A un anno dalla morte Una eredità luminosa. Il pensiero e l’opera di Grazia Zuffa, a cura di Giulia Melani e pubblicato da Fuoriluogo / Edizioni Menabò, è un libro corale che ricostruisce la traiettoria politica e intellettuale di una figura centrale del femminismo italiano e della cultura garantista.
Non una commemorazione, ma un mosaico di voci — studiose, giuristi, compagne di militanza e attivisti — che restituisce la complessità di un percorso segnato dalla ricerca della libertà.
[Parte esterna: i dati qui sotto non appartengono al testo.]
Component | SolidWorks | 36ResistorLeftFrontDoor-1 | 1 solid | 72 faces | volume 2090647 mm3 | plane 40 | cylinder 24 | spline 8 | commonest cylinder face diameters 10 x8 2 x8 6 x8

Il volume attraversa le diverse stagioni della sua vita pubblica: dalla formazione nel Pci e nell’Udi, nella tensione di ridefinire il senso stesso dell’azione politica.
Dentro il partito Zuffa fu spesso una presenza eretica, capace di mettere in discussione linguaggi e dogmi della tradizione comunista a partire dalla pratica della differenza e dell’autonomia delle donne. Psicologa di formazione e poi senatrice tra il 1987 e il 1994, portò nelle istituzioni uno sguardo attento alla marginalità, capace di tenere insieme diritti e responsabilità collettiva: l’impegno su droga e carcere, la critica delle politiche proibizioniste, il lavoro con realtà come Forum droghe, Antigone e La Società della ragione.
Consulente del Comitato nazionale per la bioetica, affrontò con uno sguardo spiazzante temi come riproduzione assistita, fine vita e gestazione per altri, sempre a partire da un’idea relazionale della libertà. Il libro nasce dall’esigenza di raccogliere la memoria dell’incontro alla Casa delle donne di Roma un mese dopo la sua scomparsa. Una eredità luminosa – con l’introduzione di Ida Dominijanni e uno scritto del marito, Franco Corleone – invita a rileggere gli ultimi 50 anni della sinistra e del femminismo italiani attraverso una figura capace di attraversare istituzioni e movimenti senza rinunciare all’autonomia critica.